The Novice: Walking and Water
"Only 20% to 30% of the population exercises on a regular basis, so the typical pregnant woman hasn't exercised prior to pregnancy," says Bonnie Berk, creator of MOTHERWELL, a pre- and postnatal fitness program offered throughout the United States and abroad.
Still, it's not too late for pregnant women who haven't been consistent exercisers to start now. Although hard data on the value of prenatal exercise isn't as well-documented for unfit women as for fit ones, experts like Berk have seen firsthand the difference that exercise can make, even for couch potatoes.
For one thing, by doing exercises that strengthen the muscles supporting the uterus, women stand to experience fewer complications like backaches, ankle swelling and fatigue during pregnancy, and their bodies will be better prepared for the rigors of childbirth, too.
Exercise also typically reduces stress and enhances body image, so pregnant women who are working on their fitness level often feel better about themselves. Such was the case for Dena Higgins, a nurse from Carlisle, Pa., who took MOTHERWELL water aerobics classes twice a week before her son, Joshua, was born last December.
"It was so nice to go exercise at the end of the day, get away from work for a while and just concentrate on myself and the baby," recalls Higgins. "It just made me feel so much better." In fact, Higgins admits while she wasn't successful at fitting in a regular exercise routine before pregnancy, she's hooked now and is already taking a mom-infant class.
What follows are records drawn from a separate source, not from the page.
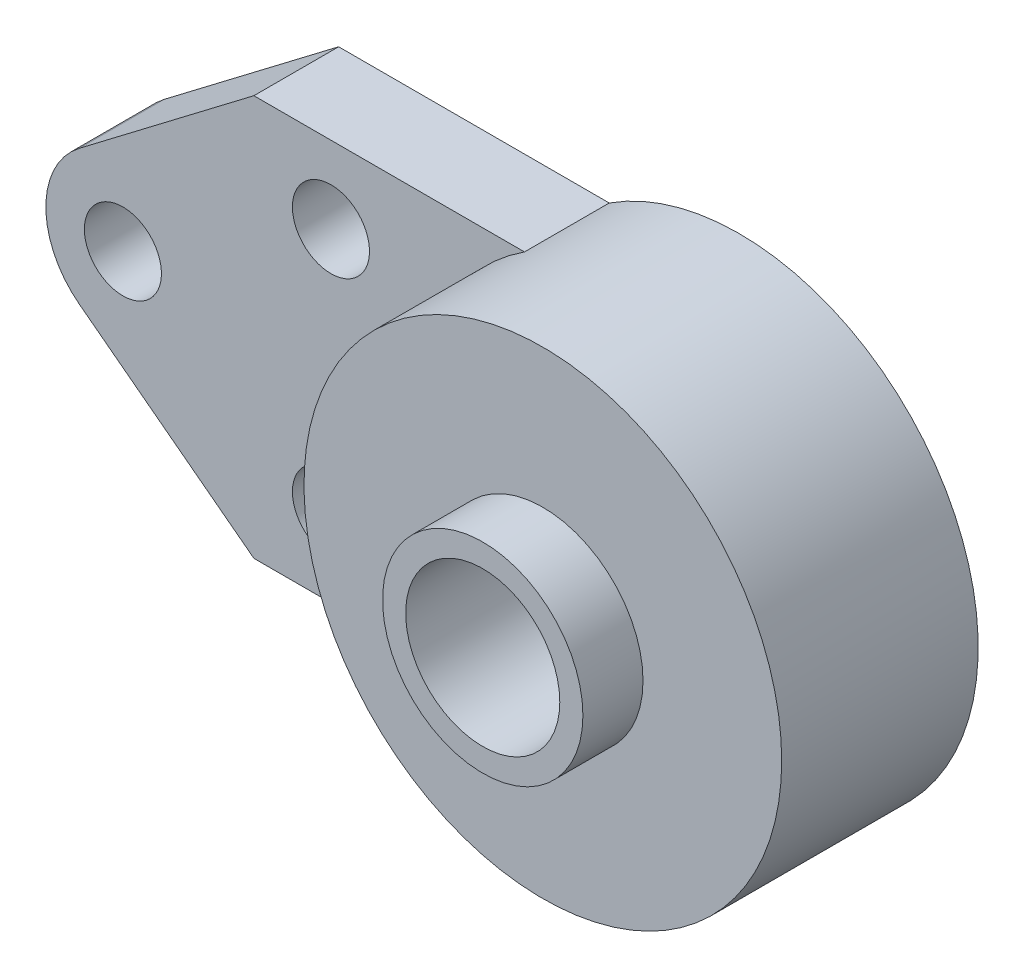
from build123d import *

# Parameters (mm, degrees)
SKETCH_1_R      = 31
SKETCH_1_R_2    = 10
EXTRUDE_1_DEPTH = 25.5
SKETCH_2_R      = 5
EXTRUDE_2_DEPTH = 11
SKETCH_3_R      = 13
SKETCH_3_R_2    = 10
EXTRUDE_3_DEPTH = 7.8


with BuildPart() as part:
    # 草图1 → 凸台-拉伸1 (new body)
    with BuildSketch(Plane.XY):
        Circle(SKETCH_1_R)
        Circle(SKETCH_1_R_2, mode=Mode.SUBTRACT)
    extrude(amount=EXTRUDE_1_DEPTH)

    # 草图2 → 凸台-拉伸2 (add)
    with BuildSketch(Plane(origin=(0, 0, 0), x_dir=(-1, 0, 0), z_dir=(0, 0, -1))):
        with BuildLine():
            Line((16.881943016, 26), (52, 26))
            Line((52, 26), (74.661722806, 8.753367881))
            ThreePointArc((74.661722806, 8.753367881), (79, 0), (74.661722806, -8.753367881))
            Line((74.661722806, -8.753367881), (52, -26))
            Line((52, -26), (16.881943016, -26))
            ThreePointArc((16.881943016, -26), (31, 0), (16.881943016, 26))
        make_face()
        with Locations((69, 0)):
            Circle(SKETCH_2_R, mode=Mode.SUBTRACT)
        with Locations((42, 16)):
            Circle(SKETCH_2_R, mode=Mode.SUBTRACT)
        with Locations((42, -16)):
            Circle(SKETCH_2_R, mode=Mode.SUBTRACT)
    extrude(amount=-EXTRUDE_2_DEPTH)

    # 草图3 → 凸台-拉伸3 (add)
    with BuildSketch(Plane.XY.offset(25.5)):
        Circle(SKETCH_3_R)
        Circle(SKETCH_3_R_2, mode=Mode.SUBTRACT)
    extrude(amount=EXTRUDE_3_DEPTH)


solid = part.part

Of course, that doesn't mean it's time to suddenly get hard-core, either.
Incorporating some moderate aerobic activity, such as walking or swimming, and some flexibility and strengthening work, like yoga, is all any pregnant woman needs, says Berk. About 20 to 30 minutes of brisk walking three to four times a week is plenty, four to five times if you're trying to minimize weight gain.
Overexertion may cause a dangerous reduction in blood flow to the fetus, so the American College of Obstetricians and Gynecologists recommends mild-to-moderate exercise and stopping when fatigued. (It recommends mild-to-moderate exercise at least three times per week.) Rather than targeting a specific heart rate, many experts say it's more important for women to pay attention to "perceived exertion," which is basically how hard they're breathing and feel they're working.